482 Neb. Admin. Code, ch. 5, § 002

Current through June 17, 2024
Section 482-5-002 - DENTAL BENEFITS PLAN

Medicaid managed care delivers the dental benefits package to eligible Medicaid members through a Prepaid Ambulatory Health Plan. The following provisions describe the Dental Benefits Manager's responsibilities in Managed Care.

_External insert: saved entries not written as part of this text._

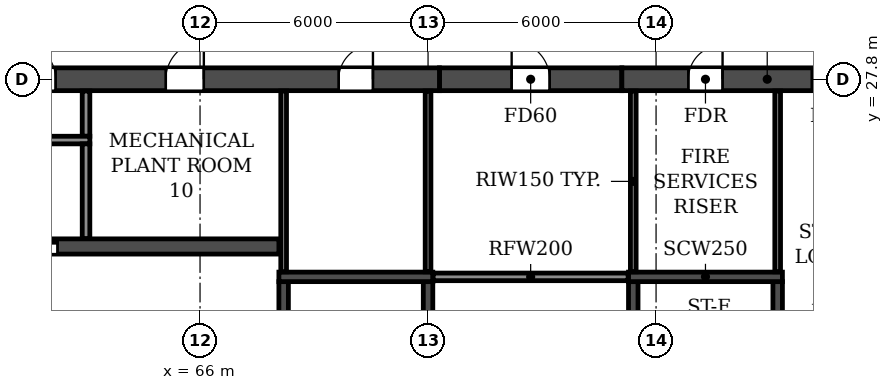
"""IFC4 building model, lengths in metres.
Left out: names, types, materials, properties, quantities, classifications, styles, units other than length and angle.
Written with IfcOpenShell. Run it as: python <this file> out.ifc"""

import sys

from ifc_helpers import new_model, si_unit, direction, frame, frame_2d, origin, place, context, subcontext, project, spatial, rectangle, extrude, element, fill, save


model = new_model("IFC4")
c1 = context("Model", 3, precision=1e-05, world=origin(), true_north=direction((0.0, 1.0)))
c2 = subcontext(c1, "Body", "Model", "MODEL_VIEW")
j1 = project(units=[si_unit("LENGTHUNIT", "METRE"), si_unit("PLANEANGLEUNIT", "RADIAN")], contexts=[c1])
p1 = place(None, origin())
s1 = spatial("IfcSite", under=j1, at=p1, CompositionType="ELEMENT")
p2 = place(p1, origin())
s2 = spatial("IfcBuilding", under=s1, at=p2, CompositionType="ELEMENT")
p3 = place(p2, frame((0.0, 0.0, 214.8)))
s3 = spatial("IfcBuildingStorey", under=s2, at=p3, CompositionType="ELEMENT", Elevation=214.8)
p4 = place(p3, frame((72.3, 27.8, 0.0), z_axis=(0.0, 0.0, 1.0), x_axis=(1.0, 0.0, 0.0)))
e1 = element("IfcWall", 1, at=p4, inside=s3, PredefinedType="SHEAR", context=c2, shape_type="SweptSolid", body=[
    extrude(rectangle(XDim=4.8, YDim=0.6, at=frame_2d((2.4, 0.0))), origin(), (0.0, 0.0, 1.0), 6.38),
])
p5 = place(p4, frame((1.9, 0.0, 0.0)))
e2 = element("IfcOpeningElement", 2, at=p5, cuts=e1, PredefinedType="OPENING", context=c2, shape_type="SweptSolid", body=[
    extrude(rectangle(XDim=1.0, YDim=2.1, at=frame_2d((0.5, 1.05))), frame((0.0, 0.31, 0.0), z_axis=(0.0, -1.0, 0.0), x_axis=(1.0, 0.0, 0.0)), (0.0, 0.0, 1.0), 0.62),
])
p6 = place(p3, frame((29.7, 27.8, 0.0), z_axis=(0.0, 0.0, 1.0), x_axis=(1.0, 0.0, 0.0)))
e3 = element("IfcWall", 3, at=p6, inside=s3, PredefinedType="SOLIDWALL", context=c2, shape_type="SweptSolid", body=[
    extrude(rectangle(XDim=42.6, YDim=0.6, at=frame_2d((21.3, 0.0))), origin(), (0.0, 0.0, 1.0), 6.38),
])
p7 = place(p6, frame((1.75, 0.0, 0.0)))
e4 = element("IfcOpeningElement", 4, at=p7, cuts=e3, PredefinedType="OPENING", context=c2, shape_type="SweptSolid", body=[
    extrude(rectangle(XDim=0.9, YDim=2.1, at=frame_2d((0.45, 1.05))), frame((0.0, 0.31, 0.0), z_axis=(0.0, -1.0, 0.0), x_axis=(1.0, 0.0, 0.0)), (0.0, 0.0, 1.0), 0.62),
])
p8 = place(p6, frame((7.5, 0.0, 0.0)))
e5 = element("IfcOpeningElement", 5, at=p8, cuts=e3, PredefinedType="OPENING", context=c2, shape_type="SweptSolid", body=[
    extrude(rectangle(XDim=1.0, YDim=2.1, at=frame_2d((0.5, 1.05))), frame((0.0, 0.31, 0.0), z_axis=(0.0, -1.0, 0.0), x_axis=(1.0, 0.0, 0.0)), (0.0, 0.0, 1.0), 0.62),
])
p9 = place(p6, frame((12.7, 0.0, 0.0)))
e6 = element("IfcOpeningElement", 6, at=p9, cuts=e3, PredefinedType="OPENING", context=c2, shape_type="SweptSolid", body=[
    extrude(rectangle(XDim=1.0, YDim=2.1, at=frame_2d((0.5, 1.05))), frame((0.0, 0.31, 0.0), z_axis=(0.0, -1.0, 0.0), x_axis=(1.0, 0.0, 0.0)), (0.0, 0.0, 1.0), 0.62),
])
p10 = place(p6, frame((17.9, 0.0, 0.0)))
e7 = element("IfcOpeningElement", 7, at=p10, cuts=e3, PredefinedType="OPENING", context=c2, shape_type="SweptSolid", body=[
    extrude(rectangle(XDim=1.0, YDim=2.1, at=frame_2d((0.5, 1.05))), frame((0.0, 0.31, 0.0), z_axis=(0.0, -1.0, 0.0), x_axis=(1.0, 0.0, 0.0)), (0.0, 0.0, 1.0), 0.62),
])
p11 = place(p6, frame((20.8, 0.0, 0.0)))
e8 = element("IfcOpeningElement", 8, at=p11, cuts=e3, PredefinedType="OPENING", context=c2, shape_type="SweptSolid", body=[
    extrude(rectangle(XDim=1.0, YDim=2.1, at=frame_2d((0.5, 1.05))), frame((0.0, 0.31, 0.0), z_axis=(0.0, -1.0, 0.0), x_axis=(1.0, 0.0, 0.0)), (0.0, 0.0, 1.0), 0.62),
])
p12 = place(p6, frame((23.7, 0.0, 0.0)))
e9 = element("IfcOpeningElement", 9, at=p12, cuts=e3, PredefinedType="OPENING", context=c2, shape_type="SweptSolid", body=[
    extrude(rectangle(XDim=1.0, YDim=2.1, at=frame_2d((0.5, 1.05))), frame((0.0, 0.31, 0.0), z_axis=(0.0, -1.0, 0.0), x_axis=(1.0, 0.0, 0.0)), (0.0, 0.0, 1.0), 0.62),
])
p13 = place(p6, frame((26.3, 0.0, 0.0)))
e10 = element("IfcOpeningElement", 10, at=p13, cuts=e3, PredefinedType="OPENING", context=c2, shape_type="SweptSolid", body=[
    extrude(rectangle(XDim=1.0, YDim=2.1, at=frame_2d((0.5, 1.05))), frame((0.0, 0.31, 0.0), z_axis=(0.0, -1.0, 0.0), x_axis=(1.0, 0.0, 0.0)), (0.0, 0.0, 1.0), 0.62),
])
p14 = place(p6, frame((28.9, 0.0, 0.0)))
e11 = element("IfcOpeningElement", 11, at=p14, cuts=e3, PredefinedType="OPENING", context=c2, shape_type="SweptSolid", body=[
    extrude(rectangle(XDim=1.0, YDim=2.1, at=frame_2d((0.5, 1.05))), frame((0.0, 0.31, 0.0), z_axis=(0.0, -1.0, 0.0), x_axis=(1.0, 0.0, 0.0)), (0.0, 0.0, 1.0), 0.62),
])
p15 = place(p6, frame((31.5, 0.0, 0.0)))
e12 = element("IfcOpeningElement", 12, at=p15, cuts=e3, PredefinedType="OPENING", context=c2, shape_type="SweptSolid", body=[
    extrude(rectangle(XDim=1.0, YDim=2.1, at=frame_2d((0.5, 1.05))), frame((0.0, 0.31, 0.0), z_axis=(0.0, -1.0, 0.0), x_axis=(1.0, 0.0, 0.0)), (0.0, 0.0, 1.0), 0.62),
])
p16 = place(p6, frame((35.4, 0.0, 0.0)))
e13 = element("IfcOpeningElement", 13, at=p16, cuts=e3, PredefinedType="OPENING", context=c2, shape_type="SweptSolid", body=[
    extrude(rectangle(XDim=1.0, YDim=2.1, at=frame_2d((0.5, 1.05))), frame((0.0, 0.31, 0.0), z_axis=(0.0, -1.0, 0.0), x_axis=(1.0, 0.0, 0.0)), (0.0, 0.0, 1.0), 0.62),
])
p17 = place(p6, frame((39.95, 0.0, 0.0)))
e14 = element("IfcOpeningElement", 14, at=p17, cuts=e3, PredefinedType="OPENING", context=c2, shape_type="SweptSolid", body=[
    extrude(rectangle(XDim=0.9, YDim=2.1, at=frame_2d((0.45, 1.05))), frame((0.0, 0.31, 0.0), z_axis=(0.0, -1.0, 0.0), x_axis=(1.0, 0.0, 0.0)), (0.0, 0.0, 1.0), 0.62),
])
p18 = place(p3, frame((77.1, 27.8, 0.0), z_axis=(0.0, 0.0, 1.0), x_axis=(1.0, 0.0, 0.0)))
e15 = element("IfcWall", 15, at=p18, inside=s3, PredefinedType="SOLIDWALL", context=c2, shape_type="SweptSolid", body=[
    extrude(rectangle(XDim=6.7, YDim=0.6, at=frame_2d((3.35, 0.0))), origin(), (0.0, 0.0, 1.0), 6.38),
])
p19 = place(p18, frame((1.75, 0.0, 0.0)))
e16 = element("IfcOpeningElement", 16, at=p19, cuts=e15, PredefinedType="OPENING", context=c2, shape_type="SweptSolid", body=[
    extrude(rectangle(XDim=0.9, YDim=2.1, at=frame_2d((0.45, 1.05))), frame((0.0, 0.31, 0.0), z_axis=(0.0, -1.0, 0.0), x_axis=(1.0, 0.0, 0.0)), (0.0, 0.0, 1.0), 0.62),
])
p20 = place(p18, frame((5.0, 0.0, 0.0)))
e17 = element("IfcOpeningElement", 17, at=p20, cuts=e15, PredefinedType="OPENING", context=c2, shape_type="SweptSolid", body=[
    extrude(rectangle(XDim=1.0, YDim=2.1, at=frame_2d((0.5, 1.05))), frame((0.0, 0.31, 0.0), z_axis=(0.0, -1.0, 0.0), x_axis=(1.0, 0.0, 0.0)), (0.0, 0.0, 1.0), 0.62),
])
p21 = place(p3, frame((33.925, 23.4, 0.0), z_axis=(0.0, 0.0, 1.0), x_axis=(1.0, 0.0, 0.0)))
e18 = element("IfcWall", 18, at=p21, inside=s3, PredefinedType="SOLIDWALL", context=c2, shape_type="SweptSolid", body=[
    extrude(rectangle(XDim=34.15, YDim=0.4, at=frame_2d((17.075, 0.0))), origin(), (0.0, 0.0, 1.0), 6.38),
])
p22 = place(p21, frame((16.175, 0.0, 0.0)))
e19 = element("IfcOpeningElement", 19, at=p22, cuts=e18, PredefinedType="OPENING", context=c2, shape_type="SweptSolid", body=[
    extrude(rectangle(XDim=1.8, YDim=2.1, at=frame_2d((0.9, 1.05))), frame((0.0, 0.21, 0.0), z_axis=(0.0, -1.0, 0.0), x_axis=(1.0, 0.0, 0.0)), (0.0, 0.0, 1.0), 0.42),
])
p23 = place(p21, frame((0.625, 0.0, 0.0)))
e20 = element("IfcOpeningElement", 20, at=p23, cuts=e18, PredefinedType="OPENING", context=c2, shape_type="SweptSolid", body=[
    extrude(rectangle(XDim=1.1, YDim=2.1, at=frame_2d((0.55, 1.05))), frame((0.0, 0.21, 0.0), z_axis=(0.0, -1.0, 0.0), x_axis=(1.0, 0.0, 0.0)), (0.0, 0.0, 1.0), 0.42),
])
p24 = place(p21, frame((3.225, 0.0, 0.0)))
e21 = element("IfcOpeningElement", 21, at=p24, cuts=e18, PredefinedType="OPENING", context=c2, shape_type="SweptSolid", body=[
    extrude(rectangle(XDim=1.1, YDim=2.1, at=frame_2d((0.55, 1.05))), frame((0.0, 0.21, 0.0), z_axis=(0.0, -1.0, 0.0), x_axis=(1.0, 0.0, 0.0)), (0.0, 0.0, 1.0), 0.42),
])
p25 = place(p21, frame((5.825, 0.0, 0.0)))
e22 = element("IfcOpeningElement", 22, at=p25, cuts=e18, PredefinedType="OPENING", context=c2, shape_type="SweptSolid", body=[
    extrude(rectangle(XDim=1.1, YDim=2.1, at=frame_2d((0.55, 1.05))), frame((0.0, 0.21, 0.0), z_axis=(0.0, -1.0, 0.0), x_axis=(1.0, 0.0, 0.0)), (0.0, 0.0, 1.0), 0.42),
])
p26 = place(p21, frame((8.425, 0.0, 0.0)))
e23 = element("IfcOpeningElement", 23, at=p26, cuts=e18, PredefinedType="OPENING", context=c2, shape_type="SweptSolid", body=[
    extrude(rectangle(XDim=1.1, YDim=2.1, at=frame_2d((0.55, 1.05))), frame((0.0, 0.21, 0.0), z_axis=(0.0, -1.0, 0.0), x_axis=(1.0, 0.0, 0.0)), (0.0, 0.0, 1.0), 0.42),
])
p27 = place(p21, frame((11.025, 0.0, 0.0)))
e24 = element("IfcOpeningElement", 24, at=p27, cuts=e18, PredefinedType="OPENING", context=c2, shape_type="SweptSolid", body=[
    extrude(rectangle(XDim=1.1, YDim=2.1, at=frame_2d((0.55, 1.05))), frame((0.0, 0.21, 0.0), z_axis=(0.0, -1.0, 0.0), x_axis=(1.0, 0.0, 0.0)), (0.0, 0.0, 1.0), 0.42),
])
p28 = place(p21, frame((13.625, 0.0, 0.0)))
e25 = element("IfcOpeningElement", 25, at=p28, cuts=e18, PredefinedType="OPENING", context=c2, shape_type="SweptSolid", body=[
    extrude(rectangle(XDim=1.1, YDim=2.1, at=frame_2d((0.55, 1.05))), frame((0.0, 0.21, 0.0), z_axis=(0.0, -1.0, 0.0), x_axis=(1.0, 0.0, 0.0)), (0.0, 0.0, 1.0), 0.42),
])
p29 = place(p21, frame((27.225, 0.0, 0.0)))
e26 = element("IfcOpeningElement", 26, at=p29, cuts=e18, PredefinedType="OPENING", context=c2, shape_type="SweptSolid", body=[
    extrude(rectangle(XDim=1.1, YDim=2.1, at=frame_2d((0.55, 1.05))), frame((0.0, 0.21, 0.0), z_axis=(0.0, -1.0, 0.0), x_axis=(1.0, 0.0, 0.0)), (0.0, 0.0, 1.0), 0.42),
])
p30 = place(p3, frame((68.2, 14.8, 0.0), z_axis=(0.0, 0.0, 1.0), x_axis=(0.0, 1.0, 0.0)))
e27 = element("IfcWall", 27, at=p30, inside=s3, PredefinedType="SOLIDWALL", context=c2, shape_type="SweptSolid", body=[
    extrude(rectangle(XDim=7.675, YDim=0.25, at=frame_2d((3.837, 0.0))), origin(), (0.0, 0.0, 1.0), 6.38),
])
p31 = place(p30, frame((0.5, 0.0, 0.0)))
e28 = element("IfcOpeningElement", 28, at=p31, cuts=e27, PredefinedType="OPENING", context=c2, shape_type="SweptSolid", body=[
    extrude(rectangle(XDim=1.0, YDim=2.1, at=frame_2d((0.5, 1.05))), frame((0.0, 0.135, 0.0), z_axis=(0.0, -1.0, 0.0), x_axis=(1.0, 0.0, 0.0)), (0.0, 0.0, 1.0), 0.27),
])
p32 = place(p3, frame((72.0, 14.8, 0.0), z_axis=(0.0, 0.0, 1.0), x_axis=(0.0, 1.0, 0.0)))
e29 = element("IfcWall", 29, at=p32, inside=s3, PredefinedType="SOLIDWALL", context=c2, shape_type="SweptSolid", body=[
    extrude(rectangle(XDim=7.675, YDim=0.25, at=frame_2d((3.837, 0.0))), origin(), (0.0, 0.0, 1.0), 6.38),
])
p33 = place(p3, frame((68.075, 22.6, 0.0), z_axis=(0.0, 0.0, 1.0), x_axis=(1.0, 0.0, 0.0)))
e30 = element("IfcWall", 30, at=p33, inside=s3, PredefinedType="SOLIDWALL", context=c2, shape_type="SweptSolid", body=[
    extrude(rectangle(XDim=4.05, YDim=0.25, at=frame_2d((2.025, 0.0))), origin(), (0.0, 0.0, 1.0), 6.38),
])
p34 = place(p3, frame((77.4, 14.8, 0.0), z_axis=(0.0, 0.0, 1.0), x_axis=(0.0, 1.0, 0.0)))
e31 = element("IfcWall", 31, at=p34, inside=s3, PredefinedType="SOLIDWALL", context=c2, shape_type="SweptSolid", body=[
    extrude(rectangle(XDim=7.675, YDim=0.25, at=frame_2d((3.837, 0.0))), origin(), (0.0, 0.0, 1.0), 6.38),
])
p35 = place(p34, frame((0.5, 0.0, 0.0)))
e32 = element("IfcOpeningElement", 32, at=p35, cuts=e31, PredefinedType="OPENING", context=c2, shape_type="SweptSolid", body=[
    extrude(rectangle(XDim=1.0, YDim=2.1, at=frame_2d((0.5, 1.05))), frame((0.0, 0.135, 0.0), z_axis=(0.0, -1.0, 0.0), x_axis=(1.0, 0.0, 0.0)), (0.0, 0.0, 1.0), 0.27),
])
p36 = place(p3, frame((81.2, 14.8, 0.0), z_axis=(0.0, 0.0, 1.0), x_axis=(0.0, 1.0, 0.0)))
e33 = element("IfcWall", 33, at=p36, inside=s3, PredefinedType="SOLIDWALL", context=c2, shape_type="SweptSolid", body=[
    extrude(rectangle(XDim=7.675, YDim=0.25, at=frame_2d((3.837, 0.0))), origin(), (0.0, 0.0, 1.0), 6.38),
])
p37 = place(p36, frame((0.5, 0.0, 0.0)))
e34 = element("IfcOpeningElement", 34, at=p37, cuts=e33, PredefinedType="OPENING", context=c2, shape_type="SweptSolid", body=[
    extrude(rectangle(XDim=1.0, YDim=2.1, at=frame_2d((0.5, 1.05))), frame((0.0, 0.135, 0.0), z_axis=(0.0, -1.0, 0.0), x_axis=(1.0, 0.0, 0.0)), (0.0, 0.0, 1.0), 0.27),
])
p38 = place(p3, frame((77.275, 22.6, 0.0), z_axis=(0.0, 0.0, 1.0), x_axis=(1.0, 0.0, 0.0)))
e35 = element("IfcWall", 35, at=p38, inside=s3, PredefinedType="SOLIDWALL", context=c2, shape_type="SweptSolid", body=[
    extrude(rectangle(XDim=4.05, YDim=0.25, at=frame_2d((2.025, 0.0))), origin(), (0.0, 0.0, 1.0), 6.38),
])
p39 = place(p3, frame((63.0, 26.3, 0.0), z_axis=(0.0, 0.0, 1.0), x_axis=(0.0, 1.0, 0.0)))
e36 = element("IfcWall", 36, at=p39, inside=s3, PredefinedType="PARTITIONING", context=c2, shape_type="SweptSolid", body=[
    extrude(rectangle(XDim=1.19, YDim=0.2, at=frame_2d((0.595, 0.0))), origin(), (0.0, 0.0, 1.0), 6.38),
])
p40 = place(p3, frame((72.135, 22.6, 0.0), z_axis=(0.0, 0.0, 1.0), x_axis=(1.0, 0.0, 0.0)))
e37 = element("IfcWall", 37, at=p40, inside=s3, PredefinedType="PARTITIONING", context=c2, shape_type="SweptSolid", body=[
    extrude(rectangle(XDim=5.13, YDim=0.2, at=frame_2d((2.565, 0.0))), origin(), (0.0, 0.0, 1.0), 6.38),
])
for number, where, z_axis, x_axis in (
    (38, (68.2, 22.735, 0.0), (0.0, 0.0, 1.0), (0.0, 1.0, 0.0)),
    (39, (72.0, 22.735, 0.0), (0.0, 0.0, 1.0), (0.0, 1.0, 0.0)),
    (40, (77.4, 22.735, 0.0), (0.0, 0.0, 1.0), (0.0, 1.0, 0.0)),
    (41, (81.2, 22.735, 0.0), (0.0, 0.0, 1.0), (0.0, 1.0, 0.0)),
):
    element("IfcWall", number, at=place(p3, frame(where, z_axis=z_axis, x_axis=x_axis)), inside=s3, PredefinedType="PARTITIONING", context=c2, shape_type="SweptSolid", body=[
        extrude(rectangle(XDim=4.755, YDim=0.15, at=frame_2d((2.377, 0.0))), origin(), (0.0, 0.0, 1.0), 6.38),
    ])
p41 = place(p3, frame((57.7, 26.2, 0.0), z_axis=(0.0, 0.0, 1.0), x_axis=(1.0, 0.0, 0.0)))
e42 = element("IfcWall", 42, at=p41, inside=s3, PredefinedType="PARTITIONING", context=c2, shape_type="SweptSolid", body=[
    extrude(rectangle(XDim=5.4, YDim=0.2, at=frame_2d((2.7, 0.0))), origin(), (0.0, 0.0, 1.0), 6.38),
])
p42 = place(p3, frame((63.0, 23.61, 0.0), z_axis=(0.0, 0.0, 1.0), x_axis=(0.0, 1.0, 0.0)))
e43 = element("IfcWall", 43, at=p42, inside=s3, PredefinedType="PARTITIONING", context=c2, shape_type="SweptSolid", body=[
    extrude(rectangle(XDim=2.49, YDim=0.2, at=frame_2d((1.245, 0.0))), origin(), (0.0, 0.0, 1.0), 6.38),
])
p43 = place(p15, origin())
e44 = element("IfcDoor", 44, at=p43, inside=s3, OperationType="SINGLE_SWING_LEFT", PredefinedType="DOOR", context=c2, shape_type="SweptSolid", body=[
    extrude(rectangle(XDim=1.0, YDim=2.1, at=frame_2d((0.5, 1.05))), frame((0.0, 0.025, 0.0), z_axis=(0.0, -1.0, 0.0), x_axis=(1.0, 0.0, 0.0)), (0.0, 0.0, 1.0), 0.05),
])
fill(e12, e44)
p44 = place(p16, origin())
e45 = element("IfcDoor", 45, at=p44, inside=s3, OperationType="SINGLE_SWING_RIGHT", PredefinedType="DOOR", context=c2, shape_type="SweptSolid", body=[
    extrude(rectangle(XDim=1.0, YDim=2.1, at=frame_2d((0.5, 1.05))), frame((0.0, 0.025, 0.0), z_axis=(0.0, -1.0, 0.0), x_axis=(1.0, 0.0, 0.0)), (0.0, 0.0, 1.0), 0.05),
])
fill(e13, e45)
p45 = place(p17, origin())
e46 = element("IfcDoor", 46, at=p45, inside=s3, OperationType="SINGLE_SWING_RIGHT", PredefinedType="DOOR", context=c2, shape_type="SweptSolid", body=[
    extrude(rectangle(XDim=0.9, YDim=2.1, at=frame_2d((0.45, 1.05))), frame((0.0, 0.025, 0.0), z_axis=(0.0, -1.0, 0.0), x_axis=(1.0, 0.0, 0.0)), (0.0, 0.0, 1.0), 0.05),
])
fill(e14, e46)
p46 = place(p5, origin())
e47 = element("IfcDoor", 47, at=p46, inside=s3, OperationType="SINGLE_SWING_LEFT", PredefinedType="DOOR", context=c2, shape_type="SweptSolid", body=[
    extrude(rectangle(XDim=1.0, YDim=2.1, at=frame_2d((0.5, 1.05))), frame((0.0, 0.025, 0.0), z_axis=(0.0, -1.0, 0.0), x_axis=(1.0, 0.0, 0.0)), (0.0, 0.0, 1.0), 0.05),
])
fill(e2, e47)
p47 = place(p19, origin())
e48 = element("IfcDoor", 48, at=p47, inside=s3, OperationType="SINGLE_SWING_RIGHT", PredefinedType="DOOR", context=c2, shape_type="SweptSolid", body=[
    extrude(rectangle(XDim=0.9, YDim=2.1, at=frame_2d((0.45, 1.05))), frame((0.0, 0.025, 0.0), z_axis=(0.0, -1.0, 0.0), x_axis=(1.0, 0.0, 0.0)), (0.0, 0.0, 1.0), 0.05),
])
fill(e16, e48)
p48 = place(p20, origin())
e49 = element("IfcDoor", 49, at=p48, inside=s3, OperationType="SINGLE_SWING_RIGHT", PredefinedType="DOOR", context=c2, shape_type="SweptSolid", body=[
    extrude(rectangle(XDim=1.0, YDim=2.1, at=frame_2d((0.5, 1.05))), frame((0.0, 0.025, 0.0), z_axis=(0.0, -1.0, 0.0), x_axis=(1.0, 0.0, 0.0)), (0.0, 0.0, 1.0), 0.05),
])
fill(e17, e49)
p49 = place(p29, origin())
e50 = element("IfcDoor", 50, at=p49, inside=s3, OperationType="DOUBLE_DOOR_SLIDING", PredefinedType="DOOR", context=c2, shape_type="SweptSolid", body=[
    extrude(rectangle(XDim=1.1, YDim=2.1, at=frame_2d((0.55, 1.05))), frame((0.0, 0.025, 0.0), z_axis=(0.0, -1.0, 0.0), x_axis=(1.0, 0.0, 0.0)), (0.0, 0.0, 1.0), 0.05),
])
fill(e26, e50)
save(model, sys.argv[1])

002.01GENERAL REQUIREMENTS. The Dental Benefits Manager is responsible for establishing a statewide system of dental services. The Dental Benefits Manager is required to comply with, but is not limited to, the following general requirements:
(A) Credential only providers enrolled in Nebraska Medicaid;
(B) Provide a full array of services along a continuum of care in accordance with 471 NAC 6;
(C) Provide access to dental services and necessary referrals twenty-four (24) hours per day, seven (7) days per week;
(D) Provide a client handbook, a comprehensive list of providers, and other informational materials about the dental benefits package to its members. The Dental Benefits Manager must not perform any direct solicitation to individual Medicaid members. The Department must approve any general marketing to Medicaid members prior to use and must comply with applicable marketing guidelines7;
(E) Comply with Medicaid's continuous Quality Assessment and Performance Improvement, provide dental services meeting Medicaid's quality standards, and comply with all requests for reports and data to ensure that the Quality Assessment and Performance Improvement requirements are met (See 482 NAC 6);
(F) Coordinate activities with Medicaid, other managed care contractors, and other providers for services, as appropriate, to meet the needs of the member, and ensure systems are in place to promote well-managed patient care;
(G) Maintain, at all times, an appropriate certificate of authority to operate issued by the Nebraska Department of Insurance;
(H) Prohibit hiring, employing, contracting with or otherwise conducting business with individuals or entities barred from participation in Medicaid or Medicare;
(I) Allow members with chronic, severe conditions, or experience-sensitive conditions to go directly to a qualified provider within the Dental Benefits Manager's network;
(J) Report all fraud and abuse information to Medicaid in a timely manner; and
(K) Make available twenty-four (24) hour, seven (7) days per week access by telephone to a live voice (an employee of the plan or an answering service) so that referrals can be made for non-emergency services or so information can be given about accessing services or how to handle medical problems during non-office hours.